It might be different markets as our 500 in Italy has four screws holding the plate on, could be wrong though. Leather colour on the chairs looks great with the exterior imho


----------



## Envy Car Care (Aug 17, 2006)

Adam, you can go off some people you know...still waiting to get my hands on one of these.....SOMEONE!


----------



## The Detail Doctor (Feb 22, 2008)

Envy Valeting said:


> Adam, you can go off some people you know...still waiting to get my hands on one of these.....SOMEONE!

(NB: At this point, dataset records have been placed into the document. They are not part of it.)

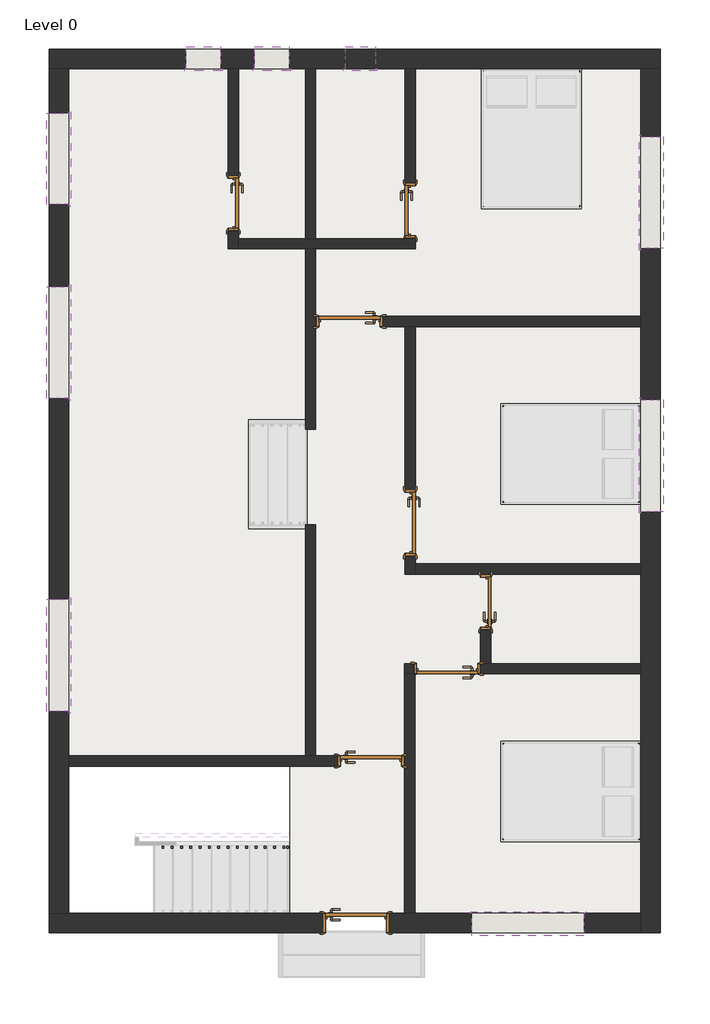
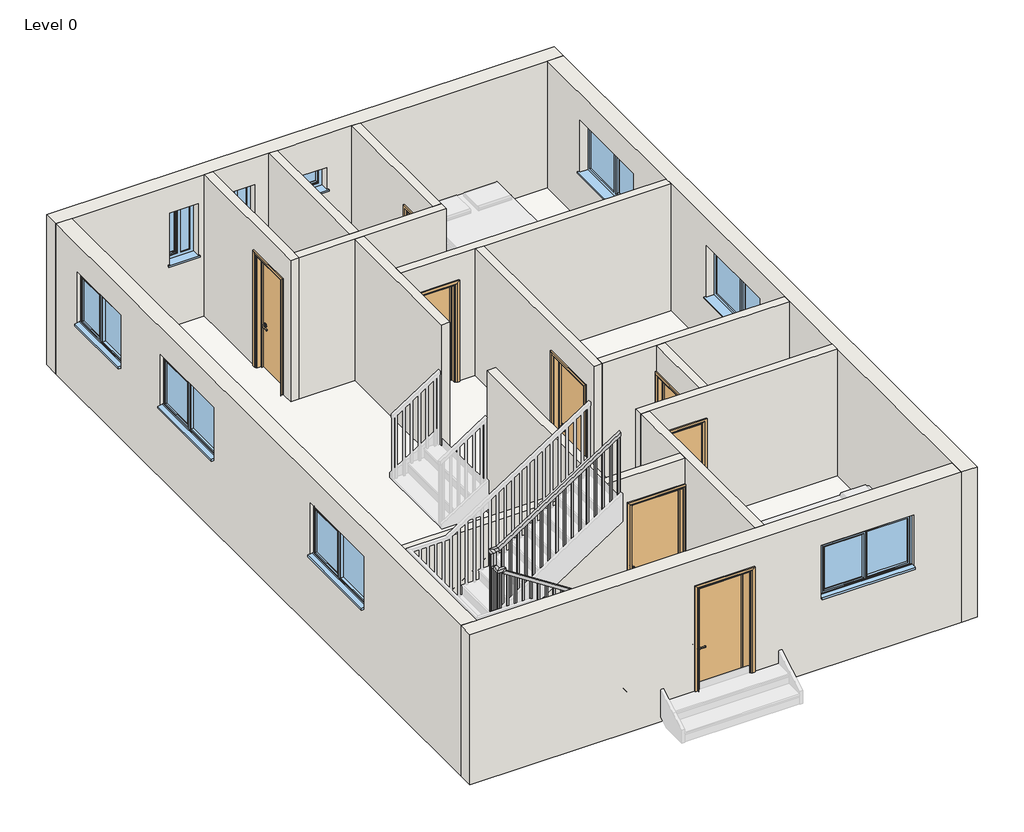
# One storey, part 1 of 2: 16 walls, 9 windows, 8 doors, 2 slabs, 1 railing.
"""IFC4 building model written with IfcOpenShell, lengths in millimetres."""

from ifc_helpers import new_model, si_unit, frame, origin, origin_with_axes, place, context, project, spatial, polyline, outline, extrude, faceted_brep, transform, mapped, element, save
from components import doors_intsgl_d1_661c03a1, doors_intsgl_d1_9c7e8c97, doors_intsgl_d1_8eed65bb, doors_intsgl_d2_f1ce814f, doors_intsgl_d2_e5ed4415, windows_dbl_plain_w1_1500_219ff321, windows_dbl_plain_w2_1220_793197e7, windows_dbl_plain_w3_460_956a2ca0, windows_sgl_plain_400mm_a5a4ca73

model = new_model("IFC4")

# Units and contexts
model_context = context("Model", 3, world=origin())
ifc_project = project(units=[si_unit("LENGTHUNIT", "METRE", prefix="MILLI")], contexts=[model_context])

# Site, building, storey
site = spatial("IfcSite", under=ifc_project)
building = spatial("IfcBuilding", under=site)
storey = spatial("IfcBuildingStorey", under=building, Name="Level 0", Elevation=0.0)

# Doors
placement = place(None, origin())
doors_intsgl_d1_shape = doors_intsgl_d1_661c03a1(model_context)
element("IfcDoor", 1, ObjectType="Doors_IntSgl : D1", at=placement, inside=storey, context=model_context, shape_type="MappedRepresentation", body=[
    mapped(doors_intsgl_d1_shape, transform((-4659.8904087, 8516.998858, 0.0), x_axis=(-1.0, 0.0, 0.0), y_axis=(0.0, -1.0, 0.0), z_axis=(0.0, 0.0, 1.0))),
])
doors_intsgl_d1_2_shape = doors_intsgl_d1_9c7e8c97(model_context)
element("IfcDoor", 2, ObjectType="Doors_IntSgl : D1", at=placement, inside=storey, context=model_context, shape_type="MappedRepresentation", body=[
    mapped(doors_intsgl_d1_2_shape, transform((-3844.8904087, 5816.998858, 0.0), x_axis=(0.0, -1.0, 0.0), y_axis=(1.0, 0.0, 0.0), z_axis=(0.0, 0.0, 1.0))),
])
element("IfcDoor", 3, ObjectType="Doors_IntSgl : D1", at=placement, inside=storey, context=model_context, shape_type="MappedRepresentation", body=[
    mapped(doors_intsgl_d1_2_shape, transform((-3349.8904087, 3856.998858, 0.0), x_axis=(-1.0, 0.0, 0.0), y_axis=(0.0, -1.0, 0.0), z_axis=(0.0, 0.0, 1.0))),
])
element("IfcDoor", 4, ObjectType="Doors_IntSgl : D1", at=placement, inside=storey, context=model_context, shape_type="MappedRepresentation", body=[
    mapped(doors_intsgl_d1_2_shape, transform((-4374.8904087, 2616.998858, 0.0), x_axis=(1.0, 0.0, 0.0), y_axis=(0.0, 1.0, 0.0), z_axis=(0.0, 0.0, 1.0))),
])
doors_intsgl_d1_3_shape = doors_intsgl_d1_8eed65bb(model_context)
element("IfcDoor", 5, ObjectType="Doors_IntSgl : D1", at=placement, inside=storey, context=model_context, shape_type="MappedRepresentation", body=[
    mapped(doors_intsgl_d1_3_shape, transform((-4574.8904087, 442.7642586, 0.0), x_axis=(1.0, 0.0, 0.0), y_axis=(0.0, 1.0, 0.0), z_axis=(0.0, 0.0, 1.0))),
])
doors_intsgl_d2_shape = doors_intsgl_d2_f1ce814f(model_context)
element("IfcDoor", 6, ObjectType="Doors_IntSgl : D2", at=placement, inside=storey, context=model_context, shape_type="MappedRepresentation", body=[
    mapped(doors_intsgl_d2_shape, transform((-3844.8904087, 10007.7642586, 0.0), x_axis=(0.0, -1.0, 0.0), y_axis=(1.0, 0.0, 0.0), z_axis=(0.0, 0.0, 1.0))),
])
element("IfcDoor", 7, ObjectType="Doors_IntSgl : D2", at=placement, inside=storey, context=model_context, shape_type="MappedRepresentation", body=[
    mapped(doors_intsgl_d2_shape, transform((-2829.8904087, 4751.998858, 0.0), x_axis=(0.0, 1.0, 0.0), y_axis=(-1.0, 0.0, 0.0), z_axis=(0.0, 0.0, 1.0))),
])
doors_intsgl_d2_2_shape = doors_intsgl_d2_e5ed4415(model_context)
element("IfcDoor", 8, ObjectType="Doors_IntSgl : D2", at=placement, inside=storey, context=model_context, shape_type="MappedRepresentation", body=[
    mapped(doors_intsgl_d2_2_shape, transform((-6224.8904087, 10107.7642586, 0.0), x_axis=(0.0, -1.0, 0.0), y_axis=(1.0, 0.0, 0.0), z_axis=(0.0, 0.0, 1.0))),
])

# Railing
element("IfcRailing", 9, ObjectType="1100mm", at=placement, inside=storey, context=model_context, shape_type="SolidModel", body=[
    faceted_brep([(-5481.4951322, 1436.1182736, 1266.6666667), (-5481.4951322, 1436.1182736, 1207.1072108), (-5481.4951322, 1486.1182736, 1207.1072108), (-5481.4951322, 1486.1182736, 1266.6666667), (-7466.8951322, 1436.1182736, 2551.7152104), (-7516.8951322, 1436.1182736, 2524.518214), (-7516.8951322, 1486.1182736, 2524.518214), (-7466.8951322, 1486.1182736, 2551.7152104), (-7466.8951322, 1436.1182736, 2600.0), (-7516.8951322, 1436.1182736, 2550.0), (-7516.8951322, 1486.1182736, 2550.0), (-7466.8951322, 1486.1182736, 2600.0), (-7591.8951322, 1436.1182736, 2600.0), (-7591.8951322, 1436.1182736, 2550.0), (-7541.8951322, 1486.1182736, 2550.0), (-7541.8951322, 1486.1182736, 2600.0), (-7591.8951322, 1561.1182736, 2600.0), (-7591.8951322, 1561.1182736, 2550.0), (-7541.8951322, 1561.1182736, 2550.0), (-7541.8951322, 1561.1182736, 2600.0), (-7591.8951322, 1571.9182736, 2600.0), (-7591.8951322, 1621.9182736, 2550.0), (-7541.8951322, 1621.9182736, 2550.0), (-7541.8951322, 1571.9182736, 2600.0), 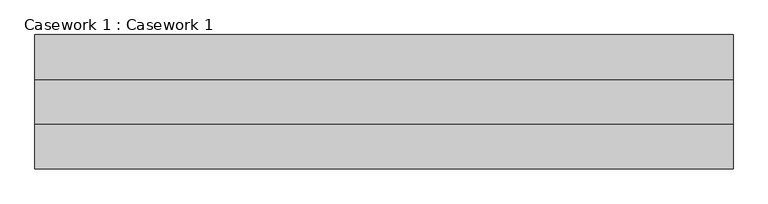
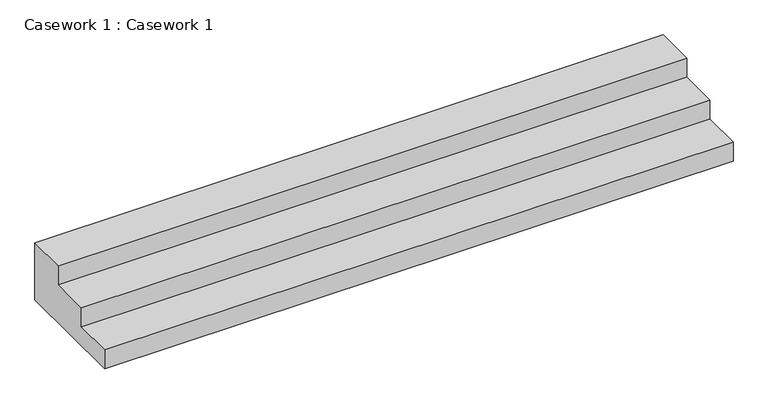
"""IFC4 building model written with IfcOpenShell, lengths in millimetres: furniture geometry, Casework 1 : Casework 1."""

from ifc_helpers import new_model, si_unit, frame, origin, place, context, project, spatial, polyline, outline, extrude, source, transform, mapped, element, save


def casework_1_casework_1_eb7a94e5(model_context):
    return source(origin(), model_context, "Body", "SweptSolid", [
        extrude(outline(polyline([(-1367.7436924, 457.2), (-1062.9436924, 457.2), (-1062.9436924, 0.0), (-1977.3436924, 0.0), (-1977.3436924, 152.4), (-1672.5436924, 152.4), (-1672.5436924, 304.8), (-1367.7436924, 304.8), (-1367.7436924, 457.2)])), frame((-2301.2726479, 0.0, 0.0), z_axis=(1.0, 0.0, 0.0), x_axis=(0.0, 1.0, 0.0)), (0.0, 0.0, 1.0), 4757.3227882),
    ])


if __name__ == "__main__":
    model = new_model("IFC4")
    model_context = context("Model", 3, world=origin())
    ifc_project = project(units=[si_unit("LENGTHUNIT", "METRE", prefix="MILLI")], contexts=[model_context])
    site = spatial("IfcSite", under=ifc_project)
    building = spatial("IfcBuilding", under=site)
    placement = place(None, origin())
    casework_1_casework_1_shape = casework_1_casework_1_eb7a94e5(model_context)
    element("IfcFurniture", 1, ObjectType="Casework 1 : Casework 1", at=placement, inside=building, context=model_context, shape_type="MappedRepresentation", body=[
        mapped(casework_1_casework_1_shape, transform((0.0, 0.0, 0.0), x_axis=(1.0, 0.0, 0.0), y_axis=(0.0, 1.0, 0.0), z_axis=(0.0, 0.0, 1.0))),
    ])
    save(model, "model.ifc")

# Revit data of these elements
# Element 1 (IfcFurniture, "Casework 1 : Casework 1")
#   Materials on its faces: "Asphalt Shingle"
# Materials
#   "Asphalt Shingle": class "Generic", colour RGB 155 155 155, transparency 0, Description = "Asphalt roofing shingle", Cost = 0

Just taken a booking this morning for a Zaino protection detail on a Mod Blue 500 Sport owned by a fellow 500 forum member:thumb:

Owner is driving down from Berkshire & taking the opportunity to fit in some christmas shopping in Bristol at the same time, hasn't been wash since May apparently!!!!!!


----------



## Envy Car Care (Aug 17, 2006)

:lol:^


----------



## Sveneng (Apr 20, 2008)

Looks great, a cracking little motor!


----------



## andy monty (Dec 29, 2007)

Mike Hunt said:


> It might be different markets as our 500 in Italy has four screws holding the plate on, could be wrong though. Leather colour on the chairs looks great with the exterior imho


I'd still rather the dealer fit the plates with double sided tape rather than self tappers into the boot skin (wonder if it will invalidate the anti perforation warranty? )


----------



## ABGT170 (Feb 20, 2008)

Love the brown leather, the interior looks really impressive for a smaller car. I think that's quite unusual in that sector of the market.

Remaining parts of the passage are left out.